轩辕冕松开他,叹息:“没错,孤抵长安前一日,父皇便已离京,前往终南别苑。待到初四他老人家寿辰那日,朝中诸事便会正式由孤接手。”
秦佩点头:“监国太子,自古难为。”
“非也非也,”轩辕冕摇头,“嫡弱庶强,方有萧墙之祸。孤兄弟几人,你也刚见过,天家兄弟和睦,自不会有夺嫡之争。再者,父皇为千古圣君,他老人家尚在,谁又掀得起风浪?”
想起潜心修道的皇长子、性格乖僻的皇三子、一派天真的皇四子,秦佩深以为然:“翻手为云覆手雨,方为天下主,舍殿下其谁?”
轩辕冕假意岔开话题:“对了,今日孤在中书省碰巧撞见赵相,便和他提起你。
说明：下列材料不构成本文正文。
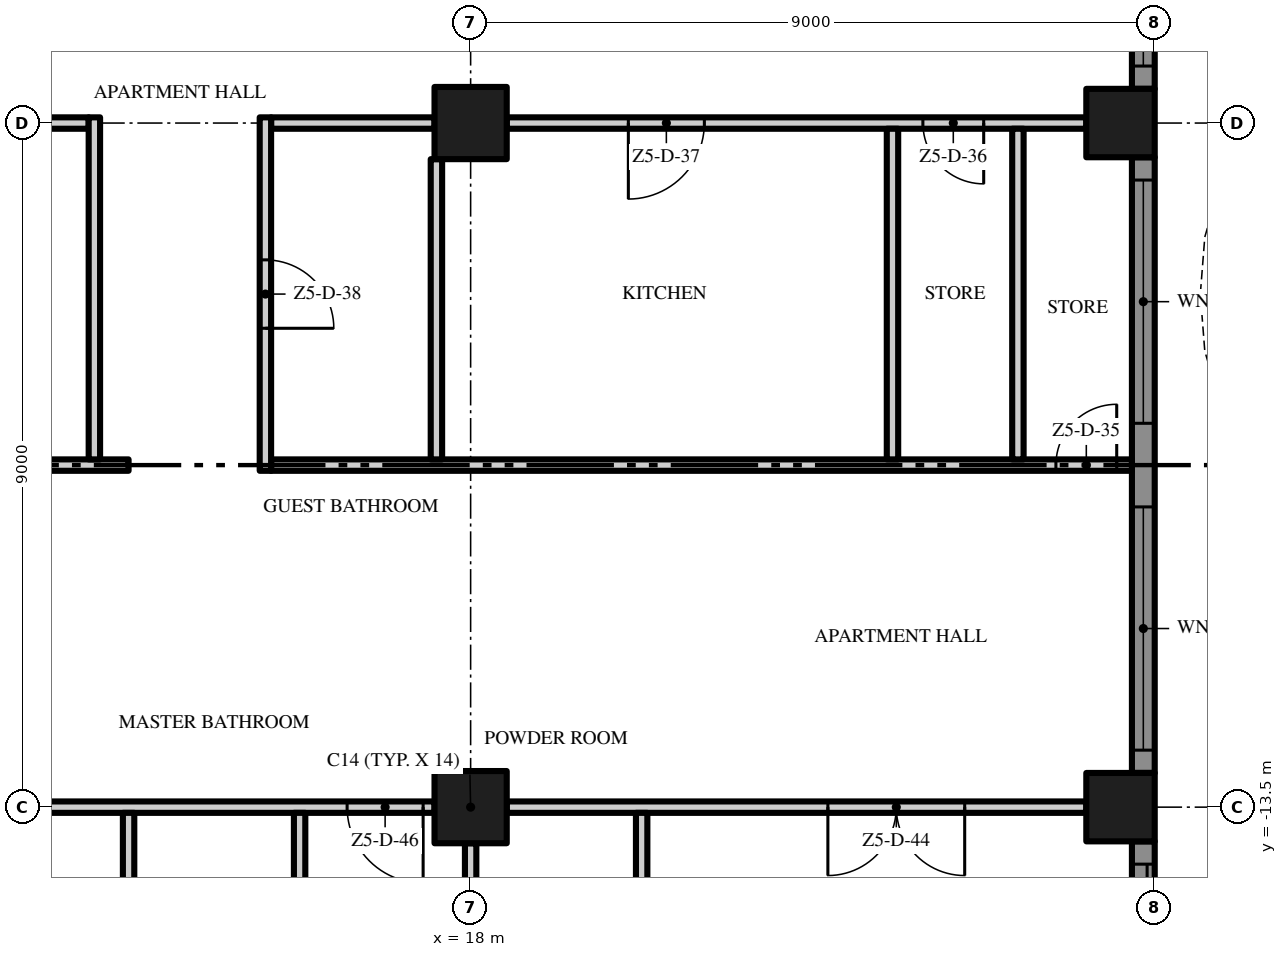
"""IFC4 building model, lengths in metres.
Left out: names, types, materials, properties, quantities, classifications, styles, units other than length and angle.
Written with IfcOpenShell. Run it as: python <this file> out.ifc"""

import sys

from ifc_helpers import new_model, si_unit, direction, frame, frame_2d, origin, origin_2d, place, context, subcontext, project, spatial, polyline, rectangle, outline, extrude, element, fill, save


model = new_model("IFC4")
c1 = context("Model", 3, precision=1e-05, world=origin(), true_north=direction((0.0, 1.0)))
c2 = subcontext(c1, "Body", "Model", "MODEL_VIEW")
j1 = project(units=[si_unit("LENGTHUNIT", "METRE"), si_unit("PLANEANGLEUNIT", "RADIAN")], contexts=[c1])
p1 = place(None, origin())
s1 = spatial("IfcSite", under=j1, at=p1, CompositionType="ELEMENT")
p2 = place(p1, origin())
s2 = spatial("IfcBuilding", under=s1, at=p2, CompositionType="ELEMENT")
p3 = place(p2, frame((0.0, 0.0, 273.0)))
s3 = spatial("IfcBuildingStorey", under=s2, at=p3, CompositionType="ELEMENT", Elevation=273.0)
for number, where, z_axis, x_axis in (
    (1, (18.0, -13.5, 0.0), (0.0, 0.0, 1.0), (1.0, 0.0, 0.0)),
    (2, (18.0, -4.5, 0.0), (0.0, 0.0, 1.0), (1.0, 0.0, 0.0)),
):
    element("IfcColumn", number, at=place(p3, frame(where, z_axis=z_axis, x_axis=x_axis)), inside=s3, PredefinedType="COLUMN", context=c2, shape_type="SweptSolid", body=[
        extrude(rectangle(XDim=0.95, YDim=0.95, at=origin_2d()), origin(), (0.0, 0.0, 1.0), 3.5),
    ])
for number, where, z_axis, x_axis in (
    (3, (26.55, -13.5, 0.0), (0.0, 0.0, 1.0), (1.0, 0.0, 0.0)),
    (4, (26.55, -4.5, 0.0), (0.0, 0.0, 1.0), (1.0, 0.0, 0.0)),
):
    element("IfcColumn", number, at=place(p3, frame(where, z_axis=z_axis, x_axis=x_axis)), inside=s3, PredefinedType="COLUMN", context=c2, shape_type="SweptSolid", body=[
        extrude(rectangle(XDim=0.9, YDim=0.9, at=origin_2d()), origin(), (0.0, 0.0, 1.0), 3.5),
    ])
p4 = place(p3, frame((26.85, -13.95, 0.0), z_axis=(0.0, 0.0, 1.0), x_axis=(0.0, -1.0, 0.0)))
e5 = element("IfcWall", 5, at=p4, inside=s3, PredefinedType="SOLIDWALL", context=c2, shape_type="SweptSolid", body=[
    extrude(rectangle(XDim=3.75, YDim=0.3, at=frame_2d((1.875, 0.0))), origin(), (0.0, 0.0, 1.0), 3.5),
])
p5 = place(p4, frame((0.3, 0.0, 0.0)))
e6 = element("IfcOpeningElement", 6, at=p5, cuts=e5, PredefinedType="OPENING", context=c2, shape_type="SweptSolid", body=[
    extrude(rectangle(XDim=3.15, YDim=2.4, at=frame_2d((1.575, 1.2))), frame((0.0, 0.16, 0.0), z_axis=(0.0, -1.0, 0.0), x_axis=(1.0, 0.0, 0.0)), (0.0, 0.0, 1.0), 0.32),
])
p6 = place(p3, frame((26.85, -4.95, 0.0), z_axis=(0.0, 0.0, 1.0), x_axis=(0.0, -1.0, 0.0)))
e7 = element("IfcWall", 7, at=p6, inside=s3, PredefinedType="SOLIDWALL", context=c2, shape_type="SweptSolid", body=[
    extrude(rectangle(XDim=8.1, YDim=0.3, at=frame_2d((4.05, 0.0))), origin(), (0.0, 0.0, 1.0), 3.5),
])
p7 = place(p6, frame((4.6, 0.0, 0.45)))
e8 = element("IfcOpeningElement", 8, at=p7, cuts=e7, PredefinedType="OPENING", context=c2, shape_type="SweptSolid", body=[
    extrude(rectangle(XDim=3.2, YDim=2.65, at=frame_2d((1.6, 1.325))), frame((0.0, 0.16, 0.0), z_axis=(0.0, -1.0, 0.0), x_axis=(1.0, 0.0, 0.0)), (0.0, 0.0, 1.0), 0.32),
])
p8 = place(p6, frame((0.3, 0.0, 0.45)))
e9 = element("IfcOpeningElement", 9, at=p8, cuts=e7, PredefinedType="OPENING", context=c2, shape_type="SweptSolid", body=[
    extrude(rectangle(XDim=3.2, YDim=2.65, at=frame_2d((1.6, 1.325))), frame((0.0, 0.16, 0.0), z_axis=(0.0, -1.0, 0.0), x_axis=(1.0, 0.0, 0.0)), (0.0, 0.0, 1.0), 0.32),
])
p9 = place(p3, frame((26.85, 4.05, 0.0), z_axis=(0.0, 0.0, 1.0), x_axis=(0.0, -1.0, 0.0)))
e10 = element("IfcWall", 10, at=p9, inside=s3, PredefinedType="SOLIDWALL", context=c2, shape_type="SweptSolid", body=[
    extrude(rectangle(XDim=8.1, YDim=0.3, at=frame_2d((4.05, 0.0))), origin(), (0.0, 0.0, 1.0), 3.5),
])
p10 = place(p9, frame((4.6, 0.0, 0.45)))
e11 = element("IfcOpeningElement", 11, at=p10, cuts=e10, PredefinedType="OPENING", context=c2, shape_type="SweptSolid", body=[
    extrude(rectangle(XDim=3.2, YDim=2.65, at=frame_2d((1.6, 1.325))), frame((0.0, 0.16, 0.0), z_axis=(0.0, -1.0, 0.0), x_axis=(1.0, 0.0, 0.0)), (0.0, 0.0, 1.0), 0.32),
])
p11 = place(p9, frame((0.3, 0.0, 0.0)))
e12 = element("IfcOpeningElement", 12, at=p11, cuts=e10, PredefinedType="OPENING", context=c2, shape_type="SweptSolid", body=[
    extrude(rectangle(XDim=3.2, YDim=2.4, at=frame_2d((1.6, 1.2))), frame((0.0, 0.16, 0.0), z_axis=(0.0, -1.0, 0.0), x_axis=(1.0, 0.0, 0.0)), (0.0, 0.0, 1.0), 0.32),
])
p12 = place(p3, origin())
e13 = element("IfcWall", 13, at=p12, inside=s3, PredefinedType="USERDEFINED", context=c2, shape_type="SweptSolid", body=[
    extrude(outline(polyline([(28.8, -18.0), (29.505, -16.5), (29.941, -15.0), (30.0, -14.25), (29.941, -13.5), (29.505, -12.0), (28.8, -10.5), (28.095, -9.0), (27.659, -7.5), (27.6, -6.75), (27.659, -6.0), (28.095, -4.5), (28.8, -3.0), (29.505, -1.5), (29.941, 0.0), (30.0, 0.75), (29.941, 1.5), (29.505, 3.0), (28.8, 4.5), (28.095, 6.0), (27.659, 7.5), (27.6, 8.25), (27.659, 9.0), (28.095, 10.5), (28.8, 12.0), (29.505, 13.5), (29.941, 15.0), (30.0, 15.75), (29.941, 16.5), (29.505, 18.0), (29.265, 17.93), (29.694, 16.455), (29.749, 15.75), (29.694, 15.045), (29.271, 13.589), (28.574, 12.106), (27.86, 10.589), (27.411, 9.045), (27.349, 8.25), (27.411, 7.455), (27.86, 5.911), (28.574, 4.394), (29.271, 2.911), (29.694, 1.455), (29.749, 0.75), (29.694, 0.045), (29.271, -1.411), (28.574, -2.894), (27.86, -4.411), (27.411, -5.955), (27.349, -6.75), (27.411, -7.545), (27.86, -9.089), (28.574, -10.606), (29.271, -12.089), (29.694, -13.545), (29.749, -14.25), (29.694, -14.955), (29.271, -16.411), (28.574, -17.894), (28.8, -18.0)])), origin(), (0.0, 0.0, 1.0), 0.9),
])
p13 = place(p3, frame((17.525, -13.5, 0.0), z_axis=(0.0, 0.0, 1.0), x_axis=(-1.0, 0.0, 0.0)))
e14 = element("IfcWall", 14, at=p13, inside=s3, PredefinedType="PARTITIONING", context=c2, shape_type="SweptSolid", body=[
    extrude(rectangle(XDim=8.05, YDim=0.15, at=frame_2d((4.025, 0.0))), origin(), (0.0, 0.0, 1.0), 3.5),
])
p14 = place(p13, frame((0.15, 0.0, 0.0)))
e15 = element("IfcOpeningElement", 15, at=p14, cuts=e14, PredefinedType="OPENING", context=c2, shape_type="SweptSolid", body=[
    extrude(rectangle(XDim=1.0, YDim=2.4, at=frame_2d((0.5, 1.2))), frame((0.0, 0.085, 0.0), z_axis=(0.0, -1.0, 0.0), x_axis=(1.0, 0.0, 0.0)), (0.0, 0.0, 1.0), 0.17),
])
p15 = place(p13, frame((6.9, 0.0, 0.0)))
e16 = element("IfcOpeningElement", 16, at=p15, cuts=e14, PredefinedType="OPENING", context=c2, shape_type="SweptSolid", body=[
    extrude(rectangle(XDim=1.0, YDim=2.4, at=frame_2d((0.5, 1.2))), frame((0.0, 0.085, 0.0), z_axis=(0.0, -1.0, 0.0), x_axis=(1.0, 0.0, 0.0)), (0.0, 0.0, 1.0), 0.17),
])
p16 = place(p3, frame((26.1, -13.5, 0.0), z_axis=(0.0, 0.0, 1.0), x_axis=(-1.0, 0.0, 0.0)))
e17 = element("IfcWall", 17, at=p16, inside=s3, PredefinedType="PARTITIONING", context=c2, shape_type="SweptSolid", body=[
    extrude(rectangle(XDim=7.625, YDim=0.15, at=frame_2d((3.812, 0.0))), origin(), (0.0, 0.0, 1.0), 3.5),
])
p17 = place(p16, frame((1.6, 0.0, 0.0)))
e18 = element("IfcOpeningElement", 18, at=p17, cuts=e17, PredefinedType="OPENING", context=c2, shape_type="SweptSolid", body=[
    extrude(rectangle(XDim=1.8, YDim=2.4, at=frame_2d((0.9, 1.2))), frame((0.0, 0.085, 0.0), z_axis=(0.0, -1.0, 0.0), x_axis=(1.0, 0.0, 0.0)), (0.0, 0.0, 1.0), 0.17),
])
p18 = place(p3, frame((0.1, -9.0, 0.0), z_axis=(0.0, 0.0, 1.0), x_axis=(1.0, 0.0, 0.0)))
e19 = element("IfcWall", 19, at=p18, inside=s3, PredefinedType="PARTITIONING", context=c2, shape_type="SweptSolid", body=[
    extrude(rectangle(XDim=13.4, YDim=0.15, at=frame_2d((6.7, 0.0))), origin(), (0.0, 0.0, 1.0), 3.5),
])
p19 = place(p18, frame((11.2, 0.0, 0.0)))
e20 = element("IfcOpeningElement", 20, at=p19, cuts=e19, PredefinedType="OPENING", context=c2, shape_type="SweptSolid", body=[
    extrude(rectangle(XDim=0.8, YDim=2.0, at=frame_2d((0.4, 1.0))), frame((0.0, 0.085, 0.0), z_axis=(0.0, -1.0, 0.0), x_axis=(1.0, 0.0, 0.0)), (0.0, 0.0, 1.0), 0.17),
])
p20 = place(p18, frame((8.55, 0.0, 0.0)))
e21 = element("IfcOpeningElement", 21, at=p20, cuts=e19, PredefinedType="OPENING", context=c2, shape_type="SweptSolid", body=[
    extrude(rectangle(XDim=0.8, YDim=2.0, at=frame_2d((0.4, 1.0))), frame((0.0, 0.085, 0.0), z_axis=(0.0, -1.0, 0.0), x_axis=(1.0, 0.0, 0.0)), (0.0, 0.0, 1.0), 0.17),
])
p21 = place(p18, frame((5.8, 0.0, 0.0)))
e22 = element("IfcOpeningElement", 22, at=p21, cuts=e19, PredefinedType="OPENING", context=c2, shape_type="SweptSolid", body=[
    extrude(rectangle(XDim=0.8, YDim=2.0, at=frame_2d((0.4, 1.0))), frame((0.0, 0.085, 0.0), z_axis=(0.0, -1.0, 0.0), x_axis=(1.0, 0.0, 0.0)), (0.0, 0.0, 1.0), 0.17),
])
p22 = place(p3, frame((15.375, -9.0, 0.0), z_axis=(0.0, 0.0, 1.0), x_axis=(1.0, 0.0, 0.0)))
e23 = element("IfcWall", 23, at=p22, inside=s3, PredefinedType="PARTITIONING", context=c2, shape_type="SweptSolid", body=[
    extrude(rectangle(XDim=11.325, YDim=0.15, at=frame_2d((5.662, 0.0))), origin(), (0.0, 0.0, 1.0), 3.5),
])
p23 = place(p22, frame((10.325, 0.0, 0.0)))
e24 = element("IfcOpeningElement", 24, at=p23, cuts=e23, PredefinedType="OPENING", context=c2, shape_type="SweptSolid", body=[
    extrude(rectangle(XDim=0.8, YDim=2.0, at=frame_2d((0.4, 1.0))), frame((0.0, 0.085, 0.0), z_axis=(0.0, -1.0, 0.0), x_axis=(1.0, 0.0, 0.0)), (0.0, 0.0, 1.0), 0.17),
])
p24 = place(p3, frame((9.475, -4.5, 0.0), z_axis=(0.0, 0.0, 1.0), x_axis=(1.0, 0.0, 0.0)))
e25 = element("IfcWall", 25, at=p24, inside=s3, PredefinedType="PARTITIONING", context=c2, shape_type="SweptSolid", body=[
    extrude(rectangle(XDim=3.5, YDim=0.15, at=frame_2d((1.75, 0.0))), origin(), (0.0, 0.0, 1.0), 3.5),
])
p25 = place(p3, frame((15.375, -4.5, 0.0), z_axis=(0.0, 0.0, 1.0), x_axis=(1.0, 0.0, 0.0)))
e26 = element("IfcWall", 26, at=p25, inside=s3, PredefinedType="PARTITIONING", context=c2, shape_type="SweptSolid", body=[
    extrude(rectangle(XDim=2.15, YDim=0.15, at=frame_2d((1.075, 0.0))), origin(), (0.0, 0.0, 1.0), 3.5),
])
p26 = place(p3, frame((26.1, -4.5, 0.0), z_axis=(0.0, 0.0, 1.0), x_axis=(-1.0, 0.0, 0.0)))
e27 = element("IfcWall", 27, at=p26, inside=s3, PredefinedType="PARTITIONING", context=c2, shape_type="SweptSolid", body=[
    extrude(rectangle(XDim=7.625, YDim=0.15, at=frame_2d((3.812, 0.0))), origin(), (0.0, 0.0, 1.0), 3.5),
])
p27 = place(p26, frame((1.35, 0.0, 0.0)))
e28 = element("IfcOpeningElement", 28, at=p27, cuts=e27, PredefinedType="OPENING", context=c2, shape_type="SweptSolid", body=[
    extrude(rectangle(XDim=0.8, YDim=2.0, at=frame_2d((0.4, 1.0))), frame((0.0, 0.085, 0.0), z_axis=(0.0, -1.0, 0.0), x_axis=(1.0, 0.0, 0.0)), (0.0, 0.0, 1.0), 0.17),
])
p28 = place(p26, frame((5.025, 0.0, 0.0)))
e29 = element("IfcOpeningElement", 29, at=p28, cuts=e27, PredefinedType="OPENING", context=c2, shape_type="SweptSolid", body=[
    extrude(rectangle(XDim=1.0, YDim=2.4, at=frame_2d((0.5, 1.2))), frame((0.0, 0.085, 0.0), z_axis=(0.0, -1.0, 0.0), x_axis=(1.0, 0.0, 0.0)), (0.0, 0.0, 1.0), 0.17),
])
p29 = place(p3, frame((13.05, -8.925, 0.0), z_axis=(0.0, 0.0, 1.0), x_axis=(0.0, 1.0, 0.0)))
e30 = element("IfcWall", 30, at=p29, inside=s3, PredefinedType="PARTITIONING", context=c2, shape_type="SweptSolid", body=[
    extrude(rectangle(XDim=4.5, YDim=0.15, at=frame_2d((2.25, 0.0))), origin(), (0.0, 0.0, 1.0), 3.5),
])
p30 = place(p3, frame((13.5, -22.2, 0.0), z_axis=(0.0, 0.0, 1.0), x_axis=(0.0, 1.0, 0.0)))
e31 = element("IfcWall", 31, at=p30, inside=s3, PredefinedType="PARTITIONING", context=c2, shape_type="SweptSolid", body=[
    extrude(rectangle(XDim=8.625, YDim=0.15, at=frame_2d((4.312, 0.0))), origin(), (0.0, 0.0, 1.0), 3.5),
])
p31 = place(p3, frame((15.3, -4.425, 0.0), z_axis=(0.0, 0.0, 1.0), x_axis=(0.0, -1.0, 0.0)))
e32 = element("IfcWall", 32, at=p31, inside=s3, PredefinedType="PARTITIONING", context=c2, shape_type="SweptSolid", body=[
    extrude(rectangle(XDim=4.65, YDim=0.15, at=frame_2d((2.325, 0.0))), origin(), (0.0, 0.0, 1.0), 3.5),
])
p32 = place(p31, frame((1.875, 0.0, 0.0)))
e33 = element("IfcOpeningElement", 33, at=p32, cuts=e32, PredefinedType="OPENING", context=c2, shape_type="SweptSolid", body=[
    extrude(rectangle(XDim=0.9, YDim=2.1, at=frame_2d((0.45, 1.05))), frame((0.0, 0.085, 0.0), z_axis=(0.0, -1.0, 0.0), x_axis=(1.0, 0.0, 0.0)), (0.0, 0.0, 1.0), 0.17),
])
p33 = place(p3, frame((15.75, -16.575, 0.0), z_axis=(0.0, 0.0, 1.0), x_axis=(0.0, 1.0, 0.0)))
e34 = element("IfcWall", 34, at=p33, inside=s3, PredefinedType="PARTITIONING", context=c2, shape_type="SweptSolid", body=[
    extrude(rectangle(XDim=3.0, YDim=0.15, at=frame_2d((1.5, 0.0))), origin(), (0.0, 0.0, 1.0), 3.5),
])
p34 = place(p3, frame((17.55, -8.925, 0.0), z_axis=(0.0, 0.0, 1.0), x_axis=(0.0, 1.0, 0.0)))
e35 = element("IfcWall", 35, at=p34, inside=s3, PredefinedType="PARTITIONING", context=c2, shape_type="SweptSolid", body=[
    extrude(rectangle(XDim=3.95, YDim=0.15, at=frame_2d((1.975, 0.0))), origin(), (0.0, 0.0, 1.0), 3.5),
])
p35 = place(p3, frame((18.0, -21.6, 0.0), z_axis=(0.0, 0.0, 1.0), x_axis=(0.0, 1.0, 0.0)))
e36 = element("IfcWall", 36, at=p35, inside=s3, PredefinedType="PARTITIONING", context=c2, shape_type="SweptSolid", body=[
    extrude(rectangle(XDim=7.625, YDim=0.15, at=frame_2d((3.812, 0.0))), origin(), (0.0, 0.0, 1.0), 3.5),
])
p36 = place(p3, frame((20.25, -16.575, 0.0), z_axis=(0.0, 0.0, 1.0), x_axis=(0.0, 1.0, 0.0)))
e37 = element("IfcWall", 37, at=p36, inside=s3, PredefinedType="PARTITIONING", context=c2, shape_type="SweptSolid", body=[
    extrude(rectangle(XDim=3.0, YDim=0.15, at=frame_2d((1.5, 0.0))), origin(), (0.0, 0.0, 1.0), 3.5),
])
for number, where, z_axis, x_axis in (
    (38, (23.55, -8.925, 0.0), (0.0, 0.0, 1.0), (0.0, 1.0, 0.0)),
    (39, (25.2, -8.925, 0.0), (0.0, 0.0, 1.0), (0.0, 1.0, 0.0)),
):
    element("IfcWall", number, at=place(p3, frame(where, z_axis=z_axis, x_axis=x_axis)), inside=s3, PredefinedType="PARTITIONING", context=c2, shape_type="SweptSolid", body=[
        extrude(rectangle(XDim=4.35, YDim=0.15, at=frame_2d((2.175, 0.0))), origin(), (0.0, 0.0, 1.0), 3.5),
    ])
p37 = place(p5, origin())
e40 = element("IfcDoor", 40, at=p37, inside=s3, OperationType="SINGLE_SWING_LEFT", PredefinedType="DOOR", context=c2, shape_type="SweptSolid", body=[
    extrude(rectangle(XDim=3.15, YDim=2.4, at=frame_2d((1.575, 1.2))), frame((0.0, 0.025, 0.0), z_axis=(0.0, -1.0, 0.0), x_axis=(1.0, 0.0, 0.0)), (0.0, 0.0, 1.0), 0.05),
])
fill(e6, e40)
p38 = place(p7, origin())
e41 = element("IfcWindow", 41, at=p38, inside=s3, PartitioningType="SINGLE_PANEL", PredefinedType="WINDOW", context=c2, shape_type="SweptSolid", body=[
    extrude(rectangle(XDim=3.2, YDim=2.65, at=frame_2d((1.6, 1.325))), frame((0.0, 0.03, 0.0), z_axis=(0.0, -1.0, 0.0), x_axis=(1.0, 0.0, 0.0)), (0.0, 0.0, 1.0), 0.06),
])
fill(e8, e41)
p39 = place(p8, origin())
e42 = element("IfcWindow", 42, at=p39, inside=s3, PartitioningType="SINGLE_PANEL", PredefinedType="WINDOW", context=c2, shape_type="SweptSolid", body=[
    extrude(rectangle(XDim=3.2, YDim=2.65, at=frame_2d((1.6, 1.325))), frame((0.0, 0.03, 0.0), z_axis=(0.0, -1.0, 0.0), x_axis=(1.0, 0.0, 0.0)), (0.0, 0.0, 1.0), 0.06),
])
fill(e9, e42)
p40 = place(p10, origin())
e43 = element("IfcWindow", 43, at=p40, inside=s3, PartitioningType="SINGLE_PANEL", PredefinedType="WINDOW", context=c2, shape_type="SweptSolid", body=[
    extrude(rectangle(XDim=3.2, YDim=2.65, at=frame_2d((1.6, 1.325))), frame((0.0, 0.03, 0.0), z_axis=(0.0, -1.0, 0.0), x_axis=(1.0, 0.0, 0.0)), (0.0, 0.0, 1.0), 0.06),
])
fill(e11, e43)
p41 = place(p23, origin())
e44 = element("IfcDoor", 44, at=p41, inside=s3, OperationType="SINGLE_SWING_RIGHT", PredefinedType="DOOR", context=c2, shape_type="SweptSolid", body=[
    extrude(rectangle(XDim=0.8, YDim=2.0, at=frame_2d((0.4, 1.0))), frame((0.0, 0.025, 0.0), z_axis=(0.0, -1.0, 0.0), x_axis=(1.0, 0.0, 0.0)), (0.0, 0.0, 1.0), 0.05),
])
fill(e24, e44)
p42 = place(p27, origin())
e45 = element("IfcDoor", 45, at=p42, inside=s3, OperationType="SINGLE_SWING_LEFT", PredefinedType="DOOR", context=c2, shape_type="SweptSolid", body=[
    extrude(rectangle(XDim=0.8, YDim=2.0, at=frame_2d((0.4, 1.0))), frame((0.0, 0.025, 0.0), z_axis=(0.0, -1.0, 0.0), x_axis=(1.0, 0.0, 0.0)), (0.0, 0.0, 1.0), 0.05),
])
fill(e28, e45)
p43 = place(p28, origin())
e46 = element("IfcDoor", 46, at=p43, inside=s3, OperationType="SINGLE_SWING_RIGHT", PredefinedType="DOOR", context=c2, shape_type="SweptSolid", body=[
    extrude(rectangle(XDim=1.0, YDim=2.4, at=frame_2d((0.5, 1.2))), frame((0.0, 0.025, 0.0), z_axis=(0.0, -1.0, 0.0), x_axis=(1.0, 0.0, 0.0)), (0.0, 0.0, 1.0), 0.05),
])
fill(e29, e46)
p44 = place(p32, origin())
e47 = element("IfcDoor", 47, at=p44, inside=s3, OperationType="SINGLE_SWING_RIGHT", PredefinedType="DOOR", context=c2, shape_type="SweptSolid", body=[
    extrude(rectangle(XDim=0.9, YDim=2.1, at=frame_2d((0.45, 1.05))), frame((0.0, 0.025, 0.0), z_axis=(0.0, -1.0, 0.0), x_axis=(1.0, 0.0, 0.0)), (0.0, 0.0, 1.0), 0.05),
])
fill(e33, e47)
p45 = place(p17, origin())
e48 = element("IfcDoor", 48, at=p45, inside=s3, OperationType="DOUBLE_DOOR_SINGLE_SWING", PredefinedType="DOOR", context=c2, shape_type="SweptSolid", body=[
    extrude(rectangle(XDim=1.8, YDim=2.4, at=frame_2d((0.9, 1.2))), frame((0.0, 0.025, 0.0), z_axis=(0.0, -1.0, 0.0), x_axis=(1.0, 0.0, 0.0)), (0.0, 0.0, 1.0), 0.05),
])
fill(e18, e48)
p46 = place(p14, origin())
e49 = element("IfcDoor", 49, at=p46, inside=s3, OperationType="SINGLE_SWING_LEFT", PredefinedType="DOOR", context=c2, shape_type="SweptSolid", body=[
    extrude(rectangle(XDim=1.0, YDim=2.4, at=frame_2d((0.5, 1.2))), frame((0.0, 0.025, 0.0), z_axis=(0.0, -1.0, 0.0), x_axis=(1.0, 0.0, 0.0)), (0.0, 0.0, 1.0), 0.05),
])
fill(e15, e49)
save(model, sys.argv[1])

”
“哦?”秦佩兴致缺缺。
“他很赏识你,说你的卷子他看了,是个不可多得的人才。”轩辕冕意味深长道,“孤看就趁这几日朝中无大事,你可登门拜访,若得他的保举,有些位置也就唾手可得了。”
秦佩不语,忽而漠然道:“就不知赵相属意的,又是什么位置?”
“刑部主事。”轩辕冕瞥见秦佩蹙眉,笑道,“就算是状元,许多还是从县丞做起的。中举即为六品官的,德泽一朝也不过顾相一人耳。就连令尊,中状元之后也不过就得了个七品的官身。”
秦佩摇头:“臣所顾虑,并非此事。”
第22章 第三章:正看鸣凤朝阳影
翌日辰时,秦佩便在相府东门等候,直至晌午,才见赵相的步辇从朱雀大街慢悠悠地晃过来。
秦佩躬身:“赵相。”
赵相名赵子熙,非要论起辈分来,还是先帝轩辕简的小舅子,当朝太子都算是他的侄孙。秦佩想起之前李隐兮自称赵相侄子时脸上小人得志的神情,便不由得心中偷笑。
“这些礼数全免了罢。”赵相倒是随和,“忠叔,引秦大人去花厅,待我更衣过后,便与他小叙。”
“是,老爷。”
秦佩用余光瞥见赵子熙面上神情,心内不觉一凛。虽然昨日轩辕冕早已提点,说赵子熙是个冷面宰相,但秦佩长于江湖之远,除几位年轻皇子,见到如此生杀予夺的人物,还是头一回。倒不是赵子熙多么威风凌厉让秦佩心寒,而是他看秦佩的神色,五分揣度三分慨叹还有二分……云山雾罩。
秦佩在花厅又等了约莫一刻,赵子熙才悠然而至。
见礼之后,两人复又坐下,秦佩留意到赵子熙已退去重紫冠袍,换上一身水蓝常服,显得极为闲适。